O documento elaborado pelo conselho indica que o reconhecimento deve abranger não apenas a estrutura física do local, mas também as práticas culturais e sociais que se desenvolveram ali ao longo dos anos. A avaliação considera o Mercado Sul como um ambiente singular de produção artística e convivência comunitária, consolidado por iniciativas independentes e pela ocupação criativa do espaço urbano.

Como parte do encaminhamento, o Condepac sugere a criação de um grupo técnico dedicado exclusivamente à análise do caso. A proposta é que esse núcleo aprofunde os estudos sobre o local e produza um relatório detalhado, reunindo elementos históricos, arquitetônicos e sociais que sustentem a decisão final.

Na Secretaria de Cultura, o parecer é visto como um indicativo da relevância do Mercado Sul para a identidade cultural do Distrito Federal. O secretário Cláudio Abrantes afirmou que o espaço representa uma construção coletiva que expressa diversidade e resistência cultural e destacou que o processo será analisado com atenção e dentro dos prazos necessários. Segundo ele, a preservação de ambientes como esse é fundamental para manter vivas experiências culturais que nascem da própria comunidade.

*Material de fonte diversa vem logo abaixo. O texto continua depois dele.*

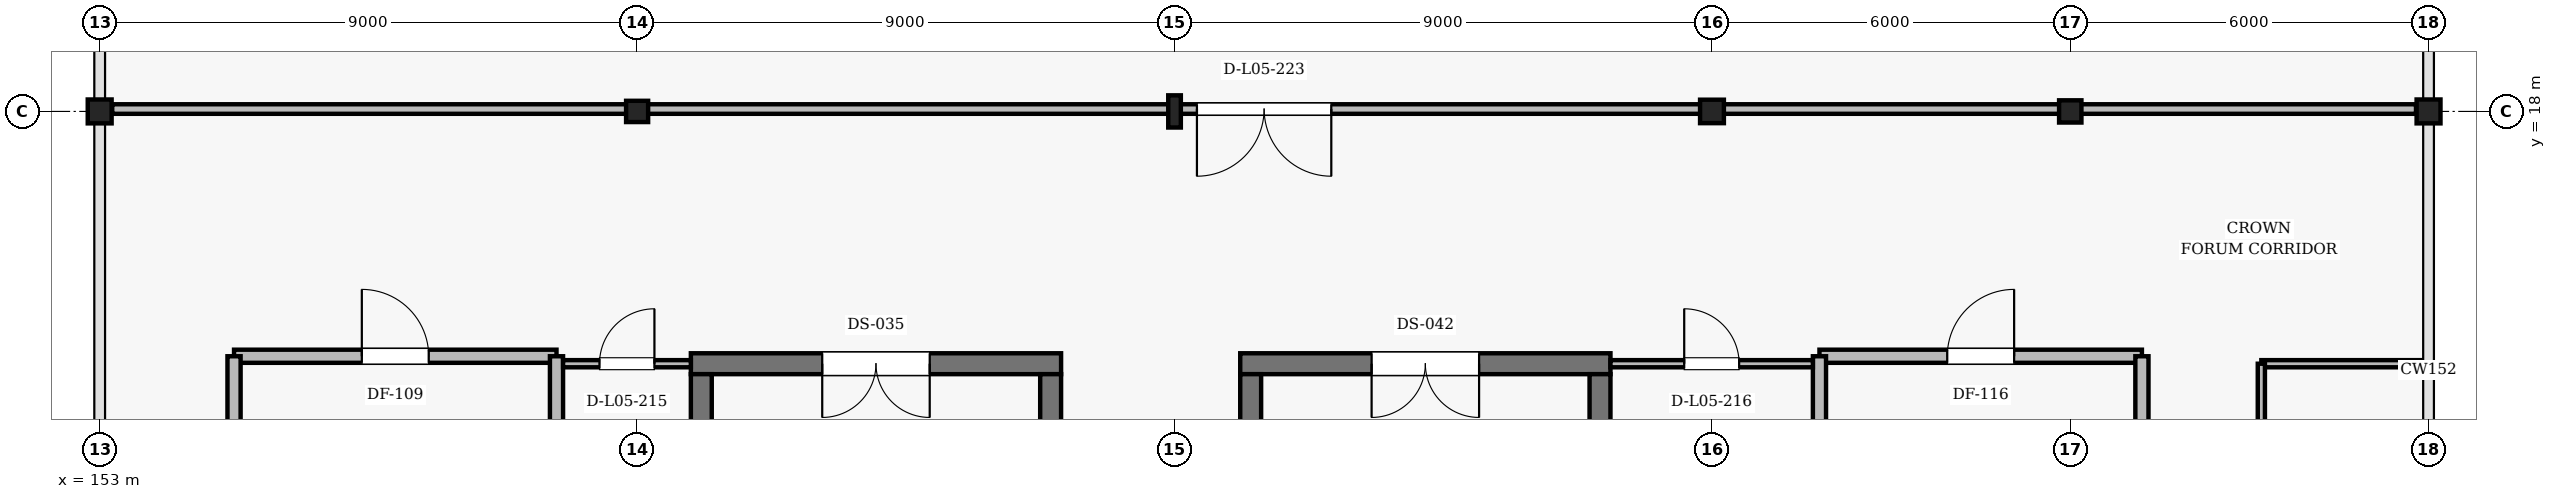
"""IFC4 building model, lengths in metres.
Left out: names, types, materials, properties, quantities, classifications, styles, units other than length and angle.
Written with IfcOpenShell. Run it as: python <this file> out.ifc"""

import sys

from ifc_helpers import new_model, si_unit, direction, frame, frame_2d, origin, origin_2d, place, context, subcontext, project, spatial, rectangle, hollow_rectangle, i_section, extrude, element, fill, save


model = new_model("IFC4")
c1 = context("Model", 3, precision=1e-05, world=origin(), true_north=direction((0.0, 1.0)))
c2 = subcontext(c1, "Body", "Model", "MODEL_VIEW")
j1 = project(units=[si_unit("LENGTHUNIT", "METRE"), si_unit("PLANEANGLEUNIT", "RADIAN")], contexts=[c1])
p1 = place(None, origin())
s1 = spatial("IfcSite", under=j1, at=p1, CompositionType="ELEMENT")
p2 = place(p1, origin())
s2 = spatial("IfcBuilding", under=s1, at=p2, CompositionType="ELEMENT")
p3 = place(p2, frame((0.0, 0.0, 25.2)))
s3 = spatial("IfcBuildingStorey", under=s2, at=p3, CompositionType="ELEMENT", Elevation=25.2)
p4 = place(p3, frame((153.0, 18.0, 0.0), z_axis=(0.0, 0.0, 1.0), x_axis=(1.0, 0.0, 0.0)))
e1 = element("IfcColumn", 1, at=p4, inside=s3, PredefinedType="COLUMN", context=c2, shape_type="SweptSolid", body=[
    extrude(hollow_rectangle(XDim=0.4, YDim=0.4, WallThickness=0.016, InnerFilletRadius=0.016, OuterFilletRadius=0.032, at=origin_2d()), origin(), (0.0, 0.0, 1.0), 4.8),
])
p5 = place(p3, frame((162.0, 18.0, 0.0), z_axis=(0.0, 0.0, 1.0), x_axis=(1.0, 0.0, 0.0)))
e2 = element("IfcColumn", 2, at=p5, inside=s3, PredefinedType="COLUMN", context=c2, shape_type="SweptSolid", body=[
    extrude(i_section(OverallWidth=0.369, OverallDepth=0.356, WebThickness=0.011, FlangeThickness=0.018, FilletRadius=0.015, at=origin_2d()), origin(), (0.0, 0.0, 1.0), 4.8),
])
p6 = place(p3, frame((171.0, 18.0, 0.0), z_axis=(0.0, 0.0, 1.0), x_axis=(1.0, 0.0, 0.0)))
e3 = element("IfcColumn", 3, at=p6, inside=s3, PredefinedType="COLUMN", context=c2, shape_type="SweptSolid", body=[
    extrude(i_section(OverallWidth=0.211, OverallDepth=0.539, WebThickness=0.012, FlangeThickness=0.019, FilletRadius=0.014, at=origin_2d()), origin(), (0.0, 0.0, 1.0), 4.8),
])
p7 = place(p3, frame((180.0, 18.0, 0.0), z_axis=(0.0, 0.0, 1.0), x_axis=(1.0, 0.0, 0.0)))
e4 = element("IfcColumn", 4, at=p7, inside=s3, PredefinedType="COLUMN", context=c2, shape_type="SweptSolid", body=[
    extrude(i_section(OverallWidth=0.399, OverallDepth=0.393, WebThickness=0.023, FlangeThickness=0.037, FilletRadius=0.018, at=origin_2d()), origin(), (0.0, 0.0, 1.0), 4.8),
])
p8 = place(p3, frame((186.0, 18.0, 0.0), z_axis=(0.0, 0.0, 1.0), x_axis=(1.0, 0.0, 0.0)))
e5 = element("IfcColumn", 5, at=p8, inside=s3, PredefinedType="COLUMN", context=c2, shape_type="SweptSolid", body=[
    extrude(i_section(OverallWidth=0.374, OverallDepth=0.372, WebThickness=0.016, FlangeThickness=0.026, FilletRadius=0.016, at=origin_2d()), origin(), (0.0, 0.0, 1.0), 4.8),
])
p9 = place(p3, frame((192.0, 18.0, 0.0), z_axis=(0.0, 0.0, 1.0), x_axis=(1.0, 0.0, 0.0)))
e6 = element("IfcColumn", 6, at=p9, inside=s3, PredefinedType="COLUMN", context=c2, shape_type="SweptSolid", body=[
    extrude(hollow_rectangle(XDim=0.4, YDim=0.4, WallThickness=0.016, InnerFilletRadius=0.016, OuterFilletRadius=0.032, at=origin_2d()), origin(), (0.0, 0.0, 1.0), 4.8),
])
p10 = place(p3, frame((169.1, 13.775, 0.0), z_axis=(0.0, 0.0, 1.0), x_axis=(-1.0, 0.0, 0.0)))
e7 = element("IfcWall", 7, at=p10, inside=s3, PredefinedType="SHEAR", context=c2, shape_type="SweptSolid", body=[
    extrude(rectangle(XDim=6.2, YDim=0.35, at=frame_2d((3.1, 0.0))), origin(), (0.0, 0.0, 1.0), 4.8),
])
p11 = place(p10, frame((2.2, 0.0, 0.0)))
e8 = element("IfcOpeningElement", 8, at=p11, cuts=e7, PredefinedType="OPENING", context=c2, shape_type="SweptSolid", body=[
    extrude(rectangle(XDim=1.8, YDim=2.2, at=frame_2d((0.9, 1.1))), frame((0.0, 0.185, 0.0), z_axis=(0.0, -1.0, 0.0), x_axis=(1.0, 0.0, 0.0)), (0.0, 0.0, 1.0), 0.37),
])
for number, where, z_axis, x_axis in (
    (9, (163.075, 13.6, 0.0), (0.0, 0.0, 1.0), (0.0, -1.0, 0.0)),
    (10, (168.925, 2.2, 0.0), (0.0, 0.0, 1.0), (0.0, 1.0, 0.0)),
):
    element("IfcWall", number, at=place(p3, frame(where, z_axis=z_axis, x_axis=x_axis)), inside=s3, PredefinedType="SHEAR", context=c2, shape_type="SweptSolid", body=[
        extrude(rectangle(XDim=11.4, YDim=0.35, at=frame_2d((5.7, 0.0))), origin(), (0.0, 0.0, 1.0), 4.8),
    ])
p12 = place(p3, frame((178.3, 13.775, 0.0), z_axis=(0.0, 0.0, 1.0), x_axis=(-1.0, 0.0, 0.0)))
e11 = element("IfcWall", 11, at=p12, inside=s3, PredefinedType="SHEAR", context=c2, shape_type="SweptSolid", body=[
    extrude(rectangle(XDim=6.2, YDim=0.35, at=frame_2d((3.1, 0.0))), origin(), (0.0, 0.0, 1.0), 4.8),
])
p13 = place(p12, frame((2.2, 0.0, 0.0)))
e12 = element("IfcOpeningElement", 12, at=p13, cuts=e11, PredefinedType="OPENING", context=c2, shape_type="SweptSolid", body=[
    extrude(rectangle(XDim=1.8, YDim=2.2, at=frame_2d((0.9, 1.1))), frame((0.0, 0.185, 0.0), z_axis=(0.0, -1.0, 0.0), x_axis=(1.0, 0.0, 0.0)), (0.0, 0.0, 1.0), 0.37),
])
for number, where, z_axis, x_axis in (
    (13, (172.275, 13.6, 0.0), (0.0, 0.0, 1.0), (0.0, -1.0, 0.0)),
    (14, (178.125, 2.2, 0.0), (0.0, 0.0, 1.0), (0.0, 1.0, 0.0)),
):
    element("IfcWall", number, at=place(p3, frame(where, z_axis=z_axis, x_axis=x_axis)), inside=s3, PredefinedType="SHEAR", context=c2, shape_type="SweptSolid", body=[
        extrude(rectangle(XDim=11.4, YDim=0.35, at=frame_2d((5.7, 0.0))), origin(), (0.0, 0.0, 1.0), 4.8),
    ])
p14 = place(p3, frame((155.25, 13.9, 0.0), z_axis=(0.0, 0.0, 1.0), x_axis=(1.0, 0.0, 0.0)))
e15 = element("IfcWall", 15, at=p14, inside=s3, PredefinedType="SOLIDWALL", context=c2, shape_type="SweptSolid", body=[
    extrude(rectangle(XDim=5.4, YDim=0.22, at=frame_2d((2.7, 0.0))), origin(), (0.0, 0.0, 1.0), 4.6),
])
p15 = place(p14, frame((2.14, 0.0, 0.0)))
e16 = element("IfcOpeningElement", 16, at=p15, cuts=e15, PredefinedType="OPENING", context=c2, shape_type="SweptSolid", body=[
    extrude(rectangle(XDim=1.12, YDim=2.2, at=frame_2d((0.56, 1.1))), frame((0.0, 0.12, 0.0), z_axis=(0.0, -1.0, 0.0), x_axis=(1.0, 0.0, 0.0)), (0.0, 0.0, 1.0), 0.24),
])
for number, where, z_axis, x_axis in (
    (17, (155.25, 10.85, 0.0), (0.0, 0.0, 1.0), (0.0, 1.0, 0.0)),
    (18, (160.65, 10.85, 0.0), (0.0, 0.0, 1.0), (0.0, 1.0, 0.0)),
):
    element("IfcWall", number, at=place(p3, frame(where, z_axis=z_axis, x_axis=x_axis)), inside=s3, PredefinedType="SOLIDWALL", context=c2, shape_type="SweptSolid", body=[
        extrude(rectangle(XDim=3.05, YDim=0.22, at=frame_2d((1.525, 0.0))), origin(), (0.0, 0.0, 1.0), 4.6),
    ])
p16 = place(p3, frame((181.8, 13.9, 0.0), z_axis=(0.0, 0.0, 1.0), x_axis=(1.0, 0.0, 0.0)))
e19 = element("IfcWall", 19, at=p16, inside=s3, PredefinedType="SOLIDWALL", context=c2, shape_type="SweptSolid", body=[
    extrude(rectangle(XDim=5.4, YDim=0.22, at=frame_2d((2.7, 0.0))), origin(), (0.0, 0.0, 1.0), 4.174),
])
p17 = place(p16, frame((2.14, 0.0, 0.0)))
e20 = element("IfcOpeningElement", 20, at=p17, cuts=e19, PredefinedType="OPENING", context=c2, shape_type="SweptSolid", body=[
    extrude(rectangle(XDim=1.12, YDim=2.2, at=frame_2d((0.56, 1.1))), frame((0.0, 0.12, 0.0), z_axis=(0.0, -1.0, 0.0), x_axis=(1.0, 0.0, 0.0)), (0.0, 0.0, 1.0), 0.24),
])
for number, where, z_axis, x_axis in (
    (21, (181.8, 10.85, 0.0), (0.0, 0.0, 1.0), (0.0, 1.0, 0.0)),
    (22, (187.2, 10.85, 0.0), (0.0, 0.0, 1.0), (0.0, 1.0, 0.0)),
):
    element("IfcWall", number, at=place(p3, frame(where, z_axis=z_axis, x_axis=x_axis)), inside=s3, PredefinedType="SOLIDWALL", context=c2, shape_type="SweptSolid", body=[
        extrude(rectangle(XDim=3.05, YDim=0.22, at=frame_2d((1.525, 0.0))), origin(), (0.0, 0.0, 1.0), 4.6),
    ])
p18 = place(p3, frame((160.76, 13.775, 0.0), z_axis=(0.0, 0.0, 1.0), x_axis=(1.0, 0.0, 0.0)))
e23 = element("IfcWall", 23, at=p18, inside=s3, PredefinedType="PARTITIONING", context=c2, shape_type="SweptSolid", body=[
    extrude(rectangle(XDim=2.14, YDim=0.12, at=frame_2d((1.07, 0.0))), origin(), (0.0, 0.0, 1.0), 4.101),
])
p19 = place(p18, frame((0.61, 0.0, 0.0)))
e24 = element("IfcOpeningElement", 24, at=p19, cuts=e23, PredefinedType="OPENING", context=c2, shape_type="SweptSolid", body=[
    extrude(rectangle(XDim=0.92, YDim=2.12, at=frame_2d((0.46, 1.06))), frame((0.0, 0.07, 0.0), z_axis=(0.0, -1.0, 0.0), x_axis=(1.0, 0.0, 0.0)), (0.0, 0.0, 1.0), 0.14),
])
p20 = place(p3, frame((178.3, 13.775, 0.0), z_axis=(0.0, 0.0, 1.0), x_axis=(1.0, 0.0, 0.0)))
e25 = element("IfcWall", 25, at=p20, inside=s3, PredefinedType="PARTITIONING", context=c2, shape_type="SweptSolid", body=[
    extrude(rectangle(XDim=3.39, YDim=0.12, at=frame_2d((1.695, 0.0))), origin(), (0.0, 0.0, 1.0), 4.012),
])
p21 = place(p20, frame((1.235, 0.0, 0.0)))
e26 = element("IfcOpeningElement", 26, at=p21, cuts=e25, PredefinedType="OPENING", context=c2, shape_type="SweptSolid", body=[
    extrude(rectangle(XDim=0.92, YDim=2.12, at=frame_2d((0.46, 1.06))), frame((0.0, 0.07, 0.0), z_axis=(0.0, -1.0, 0.0), x_axis=(1.0, 0.0, 0.0)), (0.0, 0.0, 1.0), 0.14),
])
p22 = place(p3, frame((189.2, 13.775, 0.0), z_axis=(0.0, 0.0, 1.0), x_axis=(1.0, 0.0, 0.0)))
e27 = element("IfcWall", 27, at=p22, inside=s3, PredefinedType="PARTITIONING", context=c2, shape_type="SweptSolid", body=[
    extrude(rectangle(XDim=2.788, YDim=0.12, at=frame_2d((1.394, 0.0))), origin(), (0.0, 0.0, 1.0), 4.246),
])
p23 = place(p3, frame((189.2, 9.65, 0.0), z_axis=(0.0, 0.0, 1.0), x_axis=(0.0, 1.0, 0.0)))
e28 = element("IfcWall", 28, at=p23, inside=s3, PredefinedType="PARTITIONING", context=c2, shape_type="SweptSolid", body=[
    extrude(rectangle(XDim=4.125, YDim=0.12, at=frame_2d((2.062, 0.0))), origin(), (0.0, 0.0, 1.0), 4.6),
])
p24 = place(p23, frame((1.552, 0.0, 0.0)))
e29 = element("IfcOpeningElement", 29, at=p24, cuts=e28, PredefinedType="OPENING", context=c2, shape_type="SweptSolid", body=[
    extrude(rectangle(XDim=1.02, YDim=2.16, at=frame_2d((0.51, 1.08))), frame((0.0, 0.07, 0.0), z_axis=(0.0, -1.0, 0.0), x_axis=(1.0, 0.0, 0.0)), (0.0, 0.0, 1.0), 0.14),
])
p25 = place(p3, frame((191.79, 18.04, 0.0), z_axis=(0.0, 0.0, 1.0), x_axis=(-1.0, 0.0, 0.0)))
e30 = element("IfcWall", 30, at=p25, inside=s3, PredefinedType="PARTITIONING", context=c2, shape_type="SweptSolid", body=[
    extrude(rectangle(XDim=38.58, YDim=0.16, at=frame_2d((19.29, 0.0))), origin(), (0.0, 0.0, 1.0), 3.794),
])
p26 = place(p25, frame((18.165, 0.0, 0.0)))
e31 = element("IfcOpeningElement", 31, at=p26, cuts=e30, PredefinedType="OPENING", context=c2, shape_type="SweptSolid", body=[
    extrude(rectangle(XDim=2.25, YDim=2.4, at=frame_2d((1.125, 1.2))), frame((0.0, 0.09, 0.0), z_axis=(0.0, -1.0, 0.0), x_axis=(1.0, 0.0, 0.0)), (0.0, 0.0, 1.0), 0.18),
])
p27 = place(p11, origin())
e32 = element("IfcDoor", 32, at=p27, inside=s3, OperationType="DOUBLE_DOOR_SINGLE_SWING", PredefinedType="DOOR", context=c2, shape_type="SweptSolid", body=[
    extrude(rectangle(XDim=1.8, YDim=2.2, at=frame_2d((0.9, 1.1))), frame((0.0, 0.025, 0.0), z_axis=(0.0, -1.0, 0.0), x_axis=(1.0, 0.0, 0.0)), (0.0, 0.0, 1.0), 0.05),
])
fill(e8, e32)
p28 = place(p13, origin())
e33 = element("IfcDoor", 33, at=p28, inside=s3, OperationType="DOUBLE_DOOR_SINGLE_SWING", PredefinedType="DOOR", context=c2, shape_type="SweptSolid", body=[
    extrude(rectangle(XDim=1.8, YDim=2.2, at=frame_2d((0.9, 1.1))), frame((0.0, 0.025, 0.0), z_axis=(0.0, -1.0, 0.0), x_axis=(1.0, 0.0, 0.0)), (0.0, 0.0, 1.0), 0.05),
])
fill(e12, e33)
p29 = place(p15, origin())
e34 = element("IfcDoor", 34, at=p29, inside=s3, OperationType="SINGLE_SWING_LEFT", PredefinedType="DOOR", context=c2, shape_type="SweptSolid", body=[
    extrude(rectangle(XDim=1.12, YDim=2.2, at=frame_2d((0.56, 1.1))), frame((0.0, 0.025, 0.0), z_axis=(0.0, -1.0, 0.0), x_axis=(1.0, 0.0, 0.0)), (0.0, 0.0, 1.0), 0.05),
])
fill(e16, e34)
p30 = place(p17, origin())
e35 = element("IfcDoor", 35, at=p30, inside=s3, OperationType="SINGLE_SWING_RIGHT", PredefinedType="DOOR", context=c2, shape_type="SweptSolid", body=[
    extrude(rectangle(XDim=1.12, YDim=2.2, at=frame_2d((0.56, 1.1))), frame((0.0, 0.025, 0.0), z_axis=(0.0, -1.0, 0.0), x_axis=(1.0, 0.0, 0.0)), (0.0, 0.0, 1.0), 0.05),
])
fill(e20, e35)
p31 = place(p19, origin())
e36 = element("IfcDoor", 36, at=p31, inside=s3, OperationType="SINGLE_SWING_RIGHT", PredefinedType="DOOR", context=c2, shape_type="SweptSolid", body=[
    extrude(rectangle(XDim=0.92, YDim=2.12, at=frame_2d((0.46, 1.06))), frame((0.0, 0.025, 0.0), z_axis=(0.0, -1.0, 0.0), x_axis=(1.0, 0.0, 0.0)), (0.0, 0.0, 1.0), 0.05),
])
fill(e24, e36)
p32 = place(p21, origin())
e37 = element("IfcDoor", 37, at=p32, inside=s3, OperationType="SINGLE_SWING_LEFT", PredefinedType="DOOR", context=c2, shape_type="SweptSolid", body=[
    extrude(rectangle(XDim=0.92, YDim=2.12, at=frame_2d((0.46, 1.06))), frame((0.0, 0.025, 0.0), z_axis=(0.0, -1.0, 0.0), x_axis=(1.0, 0.0, 0.0)), (0.0, 0.0, 1.0), 0.05),
])
fill(e26, e37)
p33 = place(p26, origin())
e38 = element("IfcDoor", 38, at=p33, inside=s3, OperationType="DOUBLE_DOOR_SINGLE_SWING", PredefinedType="DOOR", context=c2, shape_type="SweptSolid", body=[
    extrude(rectangle(XDim=2.25, YDim=2.4, at=frame_2d((1.125, 1.2))), frame((0.0, 0.025, 0.0), z_axis=(0.0, -1.0, 0.0), x_axis=(1.0, 0.0, 0.0)), (0.0, 0.0, 1.0), 0.05),
])
fill(e31, e38)
save(model, sys.argv[1])

Caso o processo seja oficialmente aberto, o Mercado Sul passará por uma avaliação técnica aprofundada, etapa que pode resultar na adoção de instrumentos legais de proteção. O eventual tombamento também abre caminho para políticas de salvaguarda, com foco na manutenção das atividades culturais e no fortalecimento das iniciativas que já ocupam o espaço.

A decisão final dependerá da tramitação interna da Secec-DF e da análise dos órgãos responsáveis pela política de preservação no Distrito Federal. Até lá, o parecer do Condepac funciona como um passo decisivo para inserir o Mercado Sul no mapa das áreas protegidas por seu valor cultural e simbólico.